“I want to be old. I’m tired of trying to be young. I don’t want to be young. I’ve been young.”
Andie MacDowell needs no introduction thanks to her work in classic films like Groundhog Day and Four Weddings and a Funeral. In recent years, however, you may have noticed that she’s refused to resign herself to quiet retirement. In fact, she’s continued to star in critically acclaimed films and has taken to strolling down runways in her spare time. It turns out that MacDowell has been purposefully challenging her 90s starlet reputation to remind us that actresses don’t expire at age 40.
To celebrate starring in the heart-wrenching new movie, My Happy Ending, MacDowell sat down with Katie for an honest chat about double standards in Hollywood and why she’s chosen to fearlessly embrace age (seriously — her gray hair will want to make you ditch your hair dye). Plus, they get into the nitty gritty of dating in middle age and why there are some serious benefits to staying single.
Read highlights of their conversation below but watch the entire video to get the full story.
Katie Couric: You’re really having a moment, but your career has been a long one. I remember you in Groundhog Day and Four Weddings and a Funeral. Can you believe those movies came out almost 30 years ago?
Andie MacDowell: Yes, I can. Working in your 30s is fantastic. In my business, getting cast is so much easier in your 30s, and then it gets tougher. I remember turning 40 and going to a film festival and having a young woman interview me. One of her questions was, ‘How does it feel to get older and lose your beauty?’ She actually said that to me. It made me sad for her because all I could think was, You’re going to be me someday. Why would you even think that?
So many of my single friends in their 50s and 60s complain that men their age want to be with women in their 20s and 30s. Does it frustrate you that eligible men around your age would want to date 20 or 30 years younger?
It’s not new. This has been happening for a long time. [Men] have had that right and privilege. They’ve been fed it. I think stories that we tell, particularly in movies, have an effect on people. It sets a standard for the choices that you have in society. If you do it for a woman, it’s got to be some crazy story. It can’t be normalized at all. And [what people see on-screen] does have an effect on the choices people can make.
I don’t want to take on somebody 20 years older than me. I have no interest in that whatsoever. That sounds like a terrible job. I like to hike and have a good time. If I were to get back into a relationship — and honestly, it’s not that important to me, it would be a miracle if it happened — it would have to be with a contemporary. I’m not really interested in somebody much younger than me, either. I’m too affected by our culture.
I can’t get frustrated with what the facts are. It is what it is. I think I’m more frustrated that I can’t be comfortable with someone who’s 20 years younger than me because I’m so affected by our culture. It’s so deeply ingrained in me that I wouldn’t be comfortable. I know Cher’s dating younger and I’m so glad for her. I’m glad she’s comfortable doing that. I think it’s fabulous…I wish I could make that choice. I joke about it, that’s about as far as I go.
I’m not even dating. I haven’t dated in such a long time, but miracles do happen. It’s still possible.

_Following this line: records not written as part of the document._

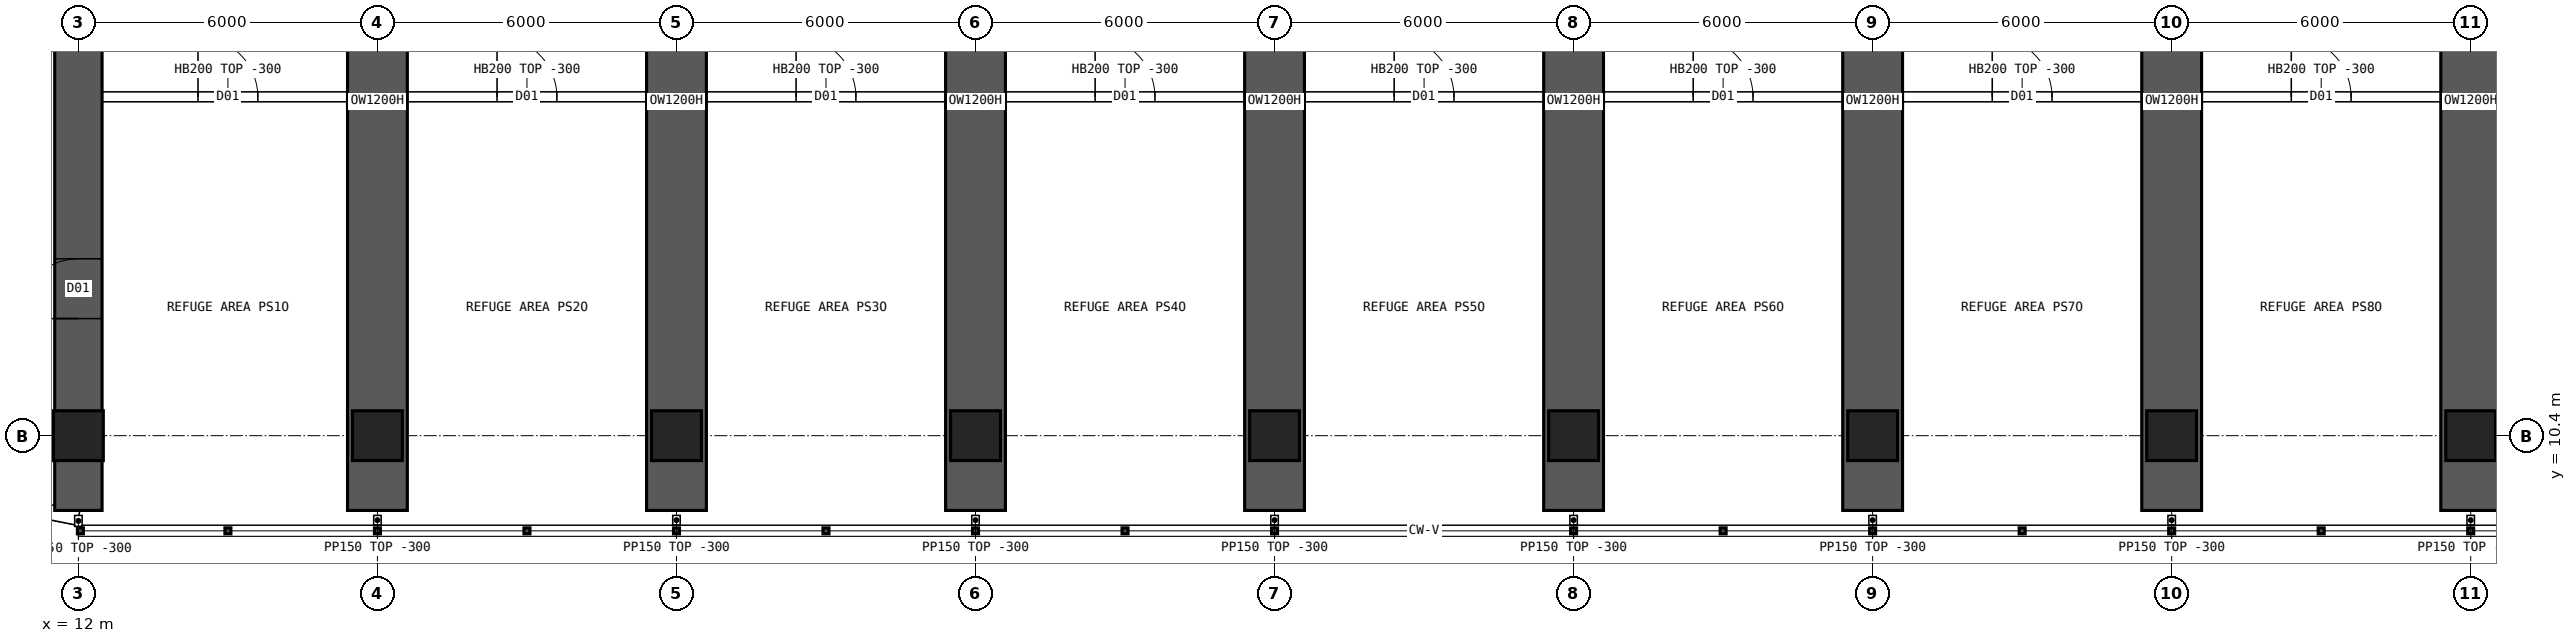
"""IFC4 building model, lengths in metres.
Left out: names, types, materials, properties, quantities, classifications, styles, units other than length and angle.
Written with IfcOpenShell. Run it as: python <this file> out.ifc"""

import sys

from ifc_helpers import new_model, si_unit, direction, frame, frame_2d, origin, origin_2d, place, context, subcontext, project, spatial, polyline, rectangle, hollow_rectangle, outline, extrude, element, fill, save


model = new_model("IFC4")
c1 = context("Model", 3, precision=1e-05, world=origin(), true_north=direction((0.0, 1.0)))
c2 = subcontext(c1, "Body", "Model", "MODEL_VIEW")
j1 = project(units=[si_unit("LENGTHUNIT", "METRE"), si_unit("PLANEANGLEUNIT", "RADIAN")], contexts=[c1])
p1 = place(None, origin())
s1 = spatial("IfcSite", under=j1, at=p1, CompositionType="ELEMENT")
p2 = place(p1, origin())
s2 = spatial("IfcBuilding", under=s1, at=p2, CompositionType="ELEMENT")
p3 = place(p2, frame((0.0, 0.0, 133.15)))
s3 = spatial("IfcBuildingStorey", under=s2, at=p3, CompositionType="ELEMENT", Elevation=133.15)
for number, where, z_axis, x_axis in (
    (1, (12.0, 10.4, 0.0), (0.0, 0.0, 1.0), (1.0, 0.0, 0.0)),
    (2, (18.0, 10.4, 0.0), (0.0, 0.0, 1.0), (1.0, 0.0, 0.0)),
    (3, (24.0, 10.4, 0.0), (0.0, 0.0, 1.0), (1.0, 0.0, 0.0)),
    (4, (30.0, 10.4, 0.0), (0.0, 0.0, 1.0), (1.0, 0.0, 0.0)),
    (5, (36.0, 10.4, 0.0), (0.0, 0.0, 1.0), (1.0, 0.0, 0.0)),
    (6, (42.0, 10.4, 0.0), (0.0, 0.0, 1.0), (1.0, 0.0, 0.0)),
    (7, (48.0, 10.4, 0.0), (0.0, 0.0, 1.0), (1.0, 0.0, 0.0)),
    (8, (54.0, 10.4, 0.0), (0.0, 0.0, 1.0), (1.0, 0.0, 0.0)),
    (9, (60.0, 10.4, 0.0), (0.0, 0.0, 1.0), (1.0, 0.0, 0.0)),
):
    element("IfcColumn", number, at=place(p3, frame(where, z_axis=z_axis, x_axis=x_axis)), inside=s3, PredefinedType="COLUMN", context=c2, shape_type="SweptSolid", body=[
        extrude(hollow_rectangle(XDim=1.0, YDim=1.0, WallThickness=0.1, at=origin_2d()), origin(), (0.0, 0.0, 1.0), 7.2),
    ])
p4 = place(p3, frame((12.0, 8.9, 0.0), z_axis=(0.0, 0.0, 1.0), x_axis=(0.0, 1.0, 0.0)))
e10 = element("IfcWall", 10, at=p4, inside=s3, PredefinedType="SHEAR", context=c2, shape_type="SweptSolid", body=[
    extrude(rectangle(XDim=46.2, YDim=0.95, at=frame_2d((23.1, 0.0))), origin(), (0.0, 0.0, 1.0), 7.2),
])
p5 = place(p4, frame((3.85, 0.0, 0.0)))
e11 = element("IfcOpeningElement", 11, at=p5, cuts=e10, PredefinedType="OPENING", context=c2, shape_type="SweptSolid", body=[
    extrude(rectangle(XDim=1.2, YDim=2.1, at=frame_2d((0.6, 1.05))), frame((0.0, 0.485, 0.0), z_axis=(0.0, -1.0, 0.0), x_axis=(1.0, 0.0, 0.0)), (0.0, 0.0, 1.0), 0.97),
])
p6 = place(p4, frame((10.762, 0.0, 0.0)))
e12 = element("IfcOpeningElement", 12, at=p6, cuts=e10, PredefinedType="OPENING", context=c2, shape_type="SweptSolid", body=[
    extrude(rectangle(XDim=1.2, YDim=2.1, at=frame_2d((0.6, 1.05))), frame((0.0, 0.485, 0.0), z_axis=(0.0, -1.0, 0.0), x_axis=(1.0, 0.0, 0.0)), (0.0, 0.0, 1.0), 0.97),
])
p7 = place(p4, frame((41.15, 0.0, 0.0)))
e13 = element("IfcOpeningElement", 13, at=p7, cuts=e10, PredefinedType="OPENING", context=c2, shape_type="SweptSolid", body=[
    extrude(rectangle(XDim=1.2, YDim=2.1, at=frame_2d((0.6, 1.05))), frame((0.0, 0.485, 0.0), z_axis=(0.0, -1.0, 0.0), x_axis=(1.0, 0.0, 0.0)), (0.0, 0.0, 1.0), 0.97),
])
p8 = place(p4, frame((34.238, 0.0, 0.0)))
e14 = element("IfcOpeningElement", 14, at=p8, cuts=e10, PredefinedType="OPENING", context=c2, shape_type="SweptSolid", body=[
    extrude(rectangle(XDim=1.2, YDim=2.1, at=frame_2d((0.6, 1.05))), frame((0.0, 0.485, 0.0), z_axis=(0.0, -1.0, 0.0), x_axis=(1.0, 0.0, 0.0)), (0.0, 0.0, 1.0), 0.97),
])
p9 = place(p3, frame((18.0, 8.9, 0.0), z_axis=(0.0, 0.0, 1.0), x_axis=(0.0, 1.0, 0.0)))
e15 = element("IfcWall", 15, at=p9, inside=s3, PredefinedType="SHEAR", context=c2, shape_type="SweptSolid", body=[
    extrude(rectangle(XDim=16.425, YDim=1.2, at=frame_2d((8.212, 0.0))), origin(), (0.0, 0.0, 1.0), 7.2),
])
p10 = place(p9, frame((14.825, 0.0, 0.0)))
e16 = element("IfcOpeningElement", 16, at=p10, cuts=e15, PredefinedType="OPENING", context=c2, shape_type="SweptSolid", body=[
    extrude(rectangle(XDim=1.2, YDim=2.1, at=frame_2d((0.6, 1.05))), frame((0.0, 0.61, 0.0), z_axis=(0.0, -1.0, 0.0), x_axis=(1.0, 0.0, 0.0)), (0.0, 0.0, 1.0), 1.22),
])
p11 = place(p3, frame((24.0, 8.9, 0.0), z_axis=(0.0, 0.0, 1.0), x_axis=(0.0, 1.0, 0.0)))
e17 = element("IfcWall", 17, at=p11, inside=s3, PredefinedType="SHEAR", context=c2, shape_type="SweptSolid", body=[
    extrude(rectangle(XDim=16.425, YDim=1.2, at=frame_2d((8.212, 0.0))), origin(), (0.0, 0.0, 1.0), 7.2),
])
p12 = place(p11, frame((14.825, 0.0, 0.0)))
e18 = element("IfcOpeningElement", 18, at=p12, cuts=e17, PredefinedType="OPENING", context=c2, shape_type="SweptSolid", body=[
    extrude(rectangle(XDim=1.2, YDim=2.1, at=frame_2d((0.6, 1.05))), frame((0.0, 0.61, 0.0), z_axis=(0.0, -1.0, 0.0), x_axis=(1.0, 0.0, 0.0)), (0.0, 0.0, 1.0), 1.22),
])
p13 = place(p3, frame((30.0, 8.9, 0.0), z_axis=(0.0, 0.0, 1.0), x_axis=(0.0, 1.0, 0.0)))
e19 = element("IfcWall", 19, at=p13, inside=s3, PredefinedType="SHEAR", context=c2, shape_type="SweptSolid", body=[
    extrude(rectangle(XDim=16.425, YDim=1.2, at=frame_2d((8.212, 0.0))), origin(), (0.0, 0.0, 1.0), 7.2),
])
p14 = place(p13, frame((14.825, 0.0, 0.0)))
e20 = element("IfcOpeningElement", 20, at=p14, cuts=e19, PredefinedType="OPENING", context=c2, shape_type="SweptSolid", body=[
    extrude(rectangle(XDim=1.2, YDim=2.1, at=frame_2d((0.6, 1.05))), frame((0.0, 0.61, 0.0), z_axis=(0.0, -1.0, 0.0), x_axis=(1.0, 0.0, 0.0)), (0.0, 0.0, 1.0), 1.22),
])
p15 = place(p3, frame((36.0, 8.9, 0.0), z_axis=(0.0, 0.0, 1.0), x_axis=(0.0, 1.0, 0.0)))
e21 = element("IfcWall", 21, at=p15, inside=s3, PredefinedType="SHEAR", context=c2, shape_type="SweptSolid", body=[
    extrude(rectangle(XDim=16.425, YDim=1.2, at=frame_2d((8.212, 0.0))), origin(), (0.0, 0.0, 1.0), 7.2),
])
p16 = place(p15, frame((14.825, 0.0, 0.0)))
e22 = element("IfcOpeningElement", 22, at=p16, cuts=e21, PredefinedType="OPENING", context=c2, shape_type="SweptSolid", body=[
    extrude(rectangle(XDim=1.2, YDim=2.1, at=frame_2d((0.6, 1.05))), frame((0.0, 0.61, 0.0), z_axis=(0.0, -1.0, 0.0), x_axis=(1.0, 0.0, 0.0)), (0.0, 0.0, 1.0), 1.22),
])
p17 = place(p3, frame((42.0, 8.9, 0.0), z_axis=(0.0, 0.0, 1.0), x_axis=(0.0, 1.0, 0.0)))
e23 = element("IfcWall", 23, at=p17, inside=s3, PredefinedType="SHEAR", context=c2, shape_type="SweptSolid", body=[
    extrude(rectangle(XDim=16.425, YDim=1.2, at=frame_2d((8.212, 0.0))), origin(), (0.0, 0.0, 1.0), 7.2),
])
p18 = place(p17, frame((14.825, 0.0, 0.0)))
e24 = element("IfcOpeningElement", 24, at=p18, cuts=e23, PredefinedType="OPENING", context=c2, shape_type="SweptSolid", body=[
    extrude(rectangle(XDim=1.2, YDim=2.1, at=frame_2d((0.6, 1.05))), frame((0.0, 0.61, 0.0), z_axis=(0.0, -1.0, 0.0), x_axis=(1.0, 0.0, 0.0)), (0.0, 0.0, 1.0), 1.22),
])
p19 = place(p3, frame((48.0, 8.9, 0.0), z_axis=(0.0, 0.0, 1.0), x_axis=(0.0, 1.0, 0.0)))
e25 = element("IfcWall", 25, at=p19, inside=s3, PredefinedType="SHEAR", context=c2, shape_type="SweptSolid", body=[
    extrude(rectangle(XDim=16.425, YDim=1.2, at=frame_2d((8.212, 0.0))), origin(), (0.0, 0.0, 1.0), 7.2),
])
p20 = place(p19, frame((14.825, 0.0, 0.0)))
e26 = element("IfcOpeningElement", 26, at=p20, cuts=e25, PredefinedType="OPENING", context=c2, shape_type="SweptSolid", body=[
    extrude(rectangle(XDim=1.2, YDim=2.1, at=frame_2d((0.6, 1.05))), frame((0.0, 0.61, 0.0), z_axis=(0.0, -1.0, 0.0), x_axis=(1.0, 0.0, 0.0)), (0.0, 0.0, 1.0), 1.22),
])
p21 = place(p3, frame((54.0, 8.9, 0.0), z_axis=(0.0, 0.0, 1.0), x_axis=(0.0, 1.0, 0.0)))
e27 = element("IfcWall", 27, at=p21, inside=s3, PredefinedType="SHEAR", context=c2, shape_type="SweptSolid", body=[
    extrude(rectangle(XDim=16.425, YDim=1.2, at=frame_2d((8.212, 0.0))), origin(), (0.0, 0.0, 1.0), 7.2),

Your latest movie, My Happy Ending is about an actor who’s diagnosed with stage four colon cancer. She’s living in London and she’s facing her own mortality. Why did you want to make this movie?
Well, the character was fascinating to me. But what I enjoyed about it was the camaraderie of the women and the connection they had when they were getting their treatment. Because cancer is the great equalizer. And you had these women from all different walks of life sitting together, getting chemo, and helping and supporting one another. I found that incredibly moving.